The cans will be filled with water that is at about 40 °C, which is very close to human body temperature. For 30 minutes,
you will monitor the temperatures in each of your cans, recording the temperatures every one minute. At the end of the 30
minutes, you will determine how much the temperature changed in each of the cans.
If you really understand what you learned about conduction, convection and radiation, then the temperature in one of your
cans should change very little, and the temperature in the other can should decrease a lot.
Vocabulary/Definitions
conduction:The transfer of heat by molecular motion through a solid or a liquid, from a region of high temperature to a
region of lower temperature.
convection: The movement of heated molecules of a gas or a liquid from a heat source to another area, due to density
differences within the gas or liquid.
radiation: The transfer of heat energy by waves of visible or infrared light moving through space.
Limitations/Constraints for Design Requirements







No flame
No water in solid or gas form (ice or steam)
If water is used, it must be room temperature (app. 22C)
No more than 1 linear meter of any type of material
No human-made containers or devices (such as hand warmers, insulated lunch boxes, thermoses, hot pots
flashlights, classroom radiators or air conditioners)
No pouring out and replacing it with hot or cold water from the tap!
The original water must stay in the can for the duration of the experiment
Procedure
Part 1: Designing the warming and cooling devices
1. Assemble all the "useful junk" materials, as well as tools (scissors, tape, glue) at a table.
2. Let students examine the materials, and then, working in teams of two students each, give pairs 20 minutes to
brainstorm, plan and construct their cooling and warming devices.
3. Allow students to use empty cans during the planning and construction phases, which they will need to be able to
remove and replace with filled cans for the testing phase.
Part 2: Keeping cans warm and letting them cool
1.
2.
3.
4.
Develop a data table to record temperatures
When all groups are ready to test their warming-cooling devices, issue the water-filled cans and thermometers.
Record the temperature of the water in the can every minute for 30 minutes.
Record the temperature in 2 control cans every minute for 30 minutes. These will have no modifications made to
them.
Part 3: Data analysis and results presentations
1. Calculate the total change in temperature.
2. Graph the Time (x-axis) vs. Water Temperature (y-axis) on a line graph.

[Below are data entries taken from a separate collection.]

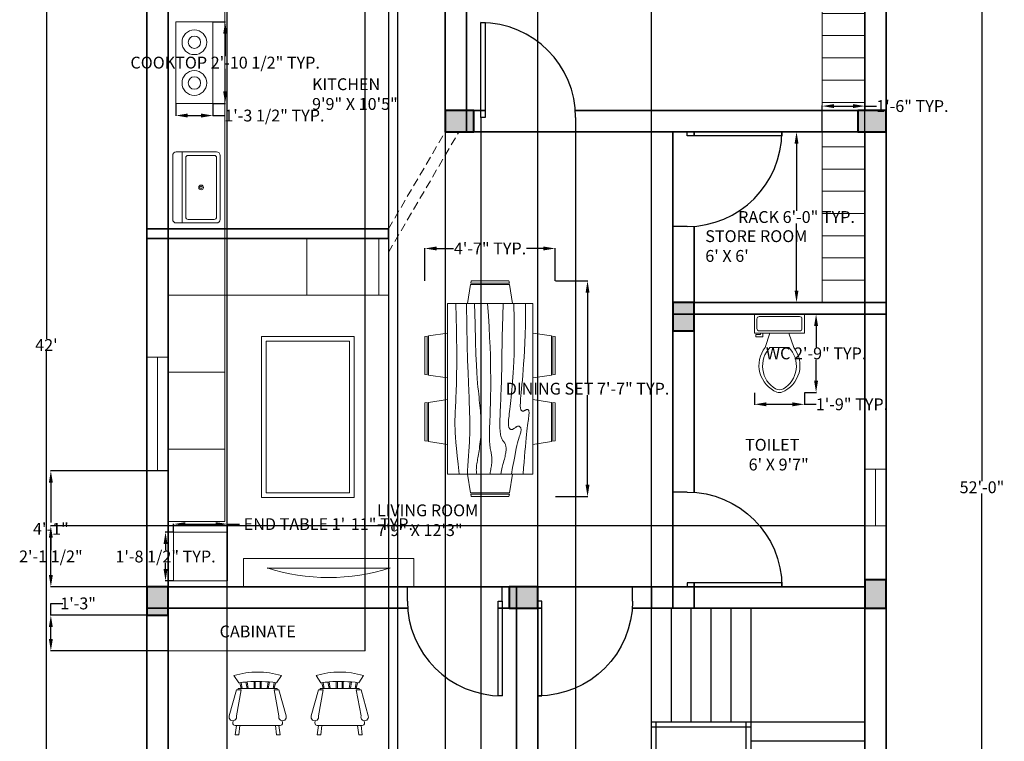
# Model space of a CAD drawing. Units: inches. Extents: x -54 to 881, y -122 to 681.
# Tile 2 of 6: x -54 to 362, y 205 to 509. Entities that reach past the tile are written whole.
import ezdxf

# ---------------------------------------------------------------- set-up
doc = ezdxf.new("R2010")
doc.units = ezdxf.units.IN
doc.header["$MEASUREMENT"] = 0
doc.linetypes.add('DASHED', pattern=[0.75, 0.5, -0.25])
for name, color, linetype, lineweight in [('A-ANNO-DIMS', 2, 'Continuous', 18), ('A-DOOR', 3, 'Continuous', 25), ('A-EQPM', 9, 'Continuous', 18), ('A-FLOR-CASE', 8, 'Continuous', 18), ('A-FLOR-FIXT', 9, 'Continuous', 18), ('A-FLOR-STRS', 7, 'Continuous', 25), ('A-FURN', 8, 'Continuous', 18), ('A-GLAZ', 4, 'Continuous', 20), ('A-WALL', 7, 'Continuous', 35), ('A-WALL-OVHD', 8, 'DASHED', 18)]:
    doc.layers.add(name, color=color, linetype=linetype, lineweight=lineweight)
for name, color, linetype, lineweight, true_color in [('A-ANNO-TEXT', 217, 'Continuous', 18, 0x93278f), ('A-AREA-IDEN', 217, 'Continuous', 18, 0x93278f), ('A-COLS', 240, 'Continuous', 40, 0xed1f24)]:
    doc.layers.add(name, color=color, linetype=linetype, lineweight=lineweight, true_color=true_color)
doc.styles.get("Standard").update_dxf_attribs({"font": 'arial.ttf'})
doc.dimstyles.get("Standard").update_dxf_attribs({"dimtxt": 5, "dimasz": 5, "dimexe": 0.18, "dimexo": 0.0625, "dimgap": 0.09, "dimtad": 0, "dimtih": 1, "dimtoh": 1, "dimdec": 0, "dimzin": 0, "dimdsep": 46, "dimlunit": 3, "dimtxsty": 'Standard', "dimcen": 0.09, "dimadec": 0, "dimazin": 0, "dimtfac": 1, "dimtdec": 0, "dimtofl": 0, "dimtmove": 0, "dimatfit": 3, "dimfxl": 1, "dimtolj": 1, "dimtzin": 0, "dimarcsym": 0})

# ---------------------------------------------------------------- blocks, each defined once
blk = doc.blocks.new('*D2')
at = {"layer": 'A-ANNO-DIMS', "color": 0, "lineweight": -2, "transparency": 16777216}
for p, q in [((-0.06, 624), (-42.51, 624)), ((-42.33, 619), (-42.33, 374.6)), ((-42.33, 125), (-42.33, 369.4)), ((-0.06, 120), (-42.51, 120))]:
    blk.add_line(p, q, dxfattribs=at)
at = {"layer": 'A-ANNO-DIMS', "color": 0, "transparency": 16777216}
for points in [[(-43.17, 619), (-41.5, 619), (-42.33, 624)], [(-43.17, 125), (-41.5, 125), (-42.33, 120)]]:
    blk.add_solid(points, dxfattribs=at)
at = {"layer": 'Defpoints', "color": 0, "transparency": 16777216}
for p in [(0, 624), (-42.33, 120), (0, 120)]:
    blk.add_point(p, dxfattribs=at)
at = {"layer": 'A-ANNO-DIMS', "color": 0, "transparency": 16777216, "insert": (-42.33, 372), "char_height": 5, "attachment_point": 5}
blk.add_mtext("\\A1;42'", dxfattribs=at)
blk = doc.blocks.new('Toilet - top')
for p, q in [((9.5, -6), (9.5, -2)), ((-8, -8.5), (-8, -8)), ((-7, -8), (-7, -9.5)), ((-4, -8), (-6, -14)), ((4, -8), (6, -14)), ((-10, -8.5), (-8, -8.5)), ((-10, -9.5), (-10, -8.5)), ((-7, -9.5), (-10, -9.5)), ((4, -14), (-4, -14))]:
    blk.add_line(p, q)
blk.add_lwpolyline([(10.5, -8), (10.5, 0), (-10.5, 0), (-10.5, -8)], close=True)
for points in [[(-9.5, -2), (-9.5, -6)], [(8.5, -1), (-8.5, -1)], [(-8.5, -7), (8.5, -7)]]:
    blk.add_lwpolyline(points)
for centre, radius, start, end in [((-8.62, -1.88), 0.884, 81.8699, 188.1301), ((8.62, -1.88), 0.884, 351.8699, 98.1301), ((-8.62, -6.12), 0.884, 171.8699, 278.1301), ((8.62, -6.12), 0.884, 261.8699, 8.1301), ((3.52, -21.58), 12.17, 141.4691, 247.9714), ((4.2, -21.82), 11.33, 136.3677, 238.9468), ((-3.52, -21.58), 12.17, 292.0284, 38.5307), ((-4.2, -21.82), 11.33, 301.053, 43.6321), ((0, -27.88), 4, 245.7318, 294.2682), ((0, -29), 4, 254.8605, 285.1395)]:
    blk.add_arc(centre, radius, start, end)
blk = doc.blocks.new('Sink-single - 30 in top')
blk.add_line((-15, -3.999996), (15, -3.999996))
for points in [[(-13.5, 0), (13.5, 0)], [(-15, -18.499996), (-15, -1.5)], [(15, -1.5), (15, -18.499996)], [(-13.5, -17.499996), (-13.5, -6.499996)], [(-12.5, -5.499996), (12.5, -5.499996)], [(13.5, -6.499996), (13.5, -17.499996)], [(13.5, -19.999996), (-13.5, -19.999996)], [(12.5, -18.499996), (-12.5, -18.499996)]]:
    blk.add_lwpolyline(points)
for radius in [1, 0.5]:
    blk.add_circle((0, -11.999996), radius)
for centre, radius, start, end in [((-13.5, -1.5), 1.5, 90, 180), ((13.5, -1.5), 1.5, 0, 90), ((-12.5, -6.499996), 1, 90, 180), ((12.5, -6.499996), 1, 0, 90), ((-13.5, -18.499996), 1.5, 180, 270), ((-12.5, -17.499996), 1, 180, 270), ((12.5, -17.499996), 1, 270, 0), ((13.5, -18.499996), 1.5, 270, 0)]:
    blk.add_arc(centre, radius, start, end)
blk = doc.blocks.new('Dining Set - 36 x 72 in.')
for p, q in [((-22.2343, 26.00059), (-23.4847, 17.99762)), ((-22.2304, 26), (-5.7608, 26)), ((-22, 27.5), (-22.1562, 26.50042)), ((-5.8416, 26.5), (-22.1534, 26.5)), ((-22, 27.5), (-6, 27.5)), ((-5.8437, 26.49966), (-6, 27.5)), ((-4.5152, 17.99762), (-5.7655, 25.99926)), ((5.7657, 26.00059), (4.5153, 17.99762)), ((5.7696, 26), (22.2392, 26)), ((6, 27.5), (5.8438, 26.50042)), ((22.1584, 26.5), (5.8466, 26.5)), ((6, 27.5), (22, 27.5)), ((22.1563, 26.49966), (22, 27.5)), ((23.4848, 17.99762), (22.2345, 25.99926)), ((36, 18), (-36, 18)), ((-36, 18), (-36, -18)), ((36, -18), (36, 18)), ((-44.0006, 8.23428), (-35.9976, 9.48474)), ((44.0006, 8.23428), (35.9976, 9.48474)), ((-45.5, 8), (-44.5004, 8.15617)), ((-45.5, 8), (-45.5, -8)), ((-44.5, -8.15843), (-44.5, 8.15338)), ((-44, 8.23041), (-44, -8.23915)), ((44, 8.23041), (44, -8.23915)), ((44.5, -8.15843), (44.5, 8.15338)), ((45.5, 8), (44.5005, 8.15617)), ((45.5, 8), (45.5, -8)), ((-44.4997, -8.15631), (-45.5, -8)), ((-35.9976, -9.48476), (-43.9993, -8.2345)), ((35.9976, -9.48476), (43.9993, -8.2345)), ((44.4997, -8.15631), (45.5, -8)), ((-36, -18), (36, -18)), ((-22.2343, -26.0006), (-23.4847, -17.99762)), ((-4.5152, -17.99762), (-5.7655, -25.99928)), ((5.7657, -26.0006), (4.5153, -17.99762)), ((23.4848, -17.99762), (22.2345, -25.99928)), ((-22.2304, -26), (-5.7608, -26)), ((-22, -27.5), (-22.1562, -26.50044)), ((-5.8416, -26.5), (-22.1534, -26.5)), ((-22, -27.5), (-6, -27.5)), ((-5.8437, -26.49967), (-6, -27.5)), ((5.7696, -26), (22.2392, -26)), ((6, -27.5), (5.8438, -26.50044)), ((22.1584, -26.5), (5.8466, -26.5)), ((6, -27.5), (22, -27.5)), ((22.1563, -26.49967), (22, -27.5))]:
    blk.add_line(p, q)
for points in [[(-36, 15), (-31.1772, 14.97754), (-26.8079, 14.91406), (-22.8538, 14.81543), (-19.276, 14.6875), (-16.0362, 14.53613), (-13.0957, 14.36718), (-10.4159, 14.18652), (-7.9583, 14), (-5.6904, 13.81315), (-3.6035, 13.63021), (-1.6954, 13.45508), (0.0365, 13.29166), (1.5945, 13.14388), (2.9811, 13.01562), (4.1988, 12.9108), (5.25, 12.83333), (6.1393, 12.78613), (6.8802, 12.76823), (7.4883, 12.77767), (7.9792, 12.8125), (8.3685, 12.87077), (8.6719, 12.95052), (8.9049, 13.0498), (9.0833, 13.16666), (9.2205, 13.29899), (9.3216, 13.44401), (9.3895, 13.59879), (9.4271, 13.76041), (9.4373, 13.92594), (9.4232, 14.09245), (9.3875, 14.257), (9.3333, 14.41666), (9.2638, 14.56917), (9.1836, 14.71484), (9.0975, 14.85465), (9.0104, 14.98958), (8.9272, 15.1206), (8.8529, 15.2487), (8.7922, 15.37483), (8.75, 15.5), (8.7305, 15.62467), (8.7344, 15.74739), (8.7617, 15.86621), (8.8125, 15.97916), (8.8867, 16.08431), (8.9844, 16.17968), (9.1055, 16.26334), (9.25, 16.33333), (9.4189, 16.38802), (9.6172, 16.42708), (9.8506, 16.45052), (10.125, 16.45833), (10.4463, 16.45052), (10.8203, 16.42708), (11.2529, 16.38802), (11.75, 16.33333), (12.3184, 16.26318), (12.9694, 16.17838), (13.7151, 16.07991), (14.5677, 15.96875), (15.5395, 15.84586), (16.6426, 15.71224), (17.8893, 15.56884), (19.2917, 15.41666), (20.859, 15.25667), (22.5879, 15.08984), (24.4721, 14.91715), (26.5052, 14.73958), (28.6809, 14.5581), (30.9929, 14.3737), (33.4347, 14.18733), (36, 14)], [(-36, 10), (-28.9766, 10.14274), (-23.1725, 10.20442), (-18.4241, 10.19775), (-14.5677, 10.13541), (-11.4399, 10.03011), (-8.877, 9.89453), (-6.7154, 9.74137), (-4.7917, 9.58333), (-2.9698, 9.43082), (-1.2246, 9.28515), (0.4415, 9.14534), (2.026, 9.01041), (3.5266, 8.87939), (4.9408, 8.7513), (6.266, 8.62516), (7.5, 8.5), (8.6411, 8.37549), (9.6914, 8.2539), (10.6538, 8.13818), (11.5312, 8.03125), (12.3267, 7.93603), (13.043, 7.85547), (13.6831, 7.79248), (14.25, 7.75), (14.7471, 7.7303), (15.1797, 7.73307), (15.5537, 7.75732), (15.875, 7.80208), (16.1494, 7.86637), (16.3828, 7.94922), (16.5811, 8.04964), (16.75, 8.16666), (16.8944, 8.29915), (17.0143, 8.44531), (17.1089, 8.60319), (17.1771, 8.77083), (17.218, 8.94629), (17.2305, 9.1276), (17.2137, 9.31282), (17.1667, 9.5), (17.0895, 9.6875), (16.987, 9.875), (16.8649, 10.0625), (16.7292, 10.25), (16.5856, 10.4375), (16.4401, 10.625), (16.2985, 10.8125), (16.1667, 11), (16.05, 11.18733), (15.9518, 11.3737), (15.8752, 11.5581), (15.8229, 11.73958), (15.798, 11.91715), (15.8034, 12.08984), (15.842, 12.25667), (15.9167, 12.41666), (16.0295, 12.56836), (16.1784, 12.70833), (16.3605, 12.83268), (16.5729, 12.9375), (16.8127, 13.01888), (17.0768, 13.07291), (17.3625, 13.0957), (17.6667, 13.08333), (17.9894, 13.03312), (18.3418, 12.94726), (18.7382, 12.82918), (19.1927, 12.68229), (19.7195, 12.51001), (20.3327, 12.31575), (21.0465, 12.10294), (21.875, 11.875), (22.8357, 11.63354), (23.959, 11.37304), (25.2786, 11.08618), (26.8282, 10.76562), (28.6414, 10.40405), (30.752, 9.99414), (33.1936, 9.52856), (36, 9)], [(-36, 5.5), (-30.7157, 5.3348), (-26.069, 5.20963), (-21.9946, 5.11767), (-18.4271, 5.05208), (-15.3009, 5.00602), (-12.5508, 4.97265), (-10.1112, 4.94515), (-7.9167, 4.91666), (-5.909, 4.88167), (-4.0586, 4.83984), (-2.3429, 4.79215), (-0.7396, 4.73958), (0.7739, 4.6831), (2.22, 4.6237), (3.6213, 4.56233), (5, 4.5), (6.373, 4.43782), (7.7344, 4.3776), (9.0723, 4.32129), (10.375, 4.27083), (11.6309, 4.22819), (12.8281, 4.19531), (13.9551, 4.17415), (15, 4.16666), (15.954, 4.17448), (16.819, 4.19791), (17.6001, 4.23698), (18.3021, 4.29166), (18.9299, 4.36198), (19.4883, 4.44791), (19.9823, 4.54948), (20.4167, 4.66666), (20.7969, 4.79899), (21.1302, 4.94401), (21.4245, 5.09879), (21.6875, 5.26041), (21.9271, 5.42594), (22.1511, 5.59245), (22.3672, 5.757), (22.5834, 5.91666), (22.8065, 6.06868), (23.0404, 6.21093), (23.2879, 6.34147), (23.5521, 6.45833), (23.8358, 6.55957), (24.142, 6.64323), (24.4735, 6.70735), (24.8334, 6.75), (25.2235, 6.76969), (25.642, 6.76692), (26.0858, 6.74267), (26.5521, 6.69791), (27.0379, 6.63362), (27.5404, 6.55078), (28.0565, 6.45036), (28.5834, 6.33333), (29.1242, 6.19987), (29.7071, 6.04687), (30.3661, 5.87044), (31.1354, 5.66666), (32.0493, 5.43164), (33.142, 5.16146), (34.4475, 4.85221), (36, 4.5)], [(-36, -1), (-30.7915, -0.6591), (-26.0195, -0.38216), (-21.6519, -0.16284), (-17.6563, 0.00521), (-14.0005, 0.12833), (-10.6523, 0.21289), (-7.5796, 0.26522), (-4.75, 0.29166), (-2.134, 0.29793), (0.2878, 0.28711), (2.5317, 0.26163), (4.6146, 0.22396), (6.5529, 0.17651), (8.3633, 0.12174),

3. Use three colors for the lines, one color for warming device, one color for cooling device, and the third color for
the control can.
4. Graph all three lines on one graph.
5. Each group will make a brief PowerPoint presentation to the class, in which team members present their graphs
and summarize the performances of their warming and cooling devices by calculating the temperature change of
each during the 30 minutes and comparing these to the temperature changes in the control cans.
6. As part of their presentations, team members should also show their warming and cooling devices or
arrangements
7. Explain how pairs either tried to take advantage of conduction, convection and radiation, or how they tried to
eliminate them.
Investigative Questions
These questions must be addressed in the PowerPoint presentation:
 Is this arrangement intended to help your can stay warm (or get cool) by conduction (or convection or radiation)?
How does it do that?
 What was the total water temperature changes?
 How does the temperature in your can compare to the temperature in the control cans? Does that mean that your
arrangement is working (to keep your can warm, or help your can get cooler)?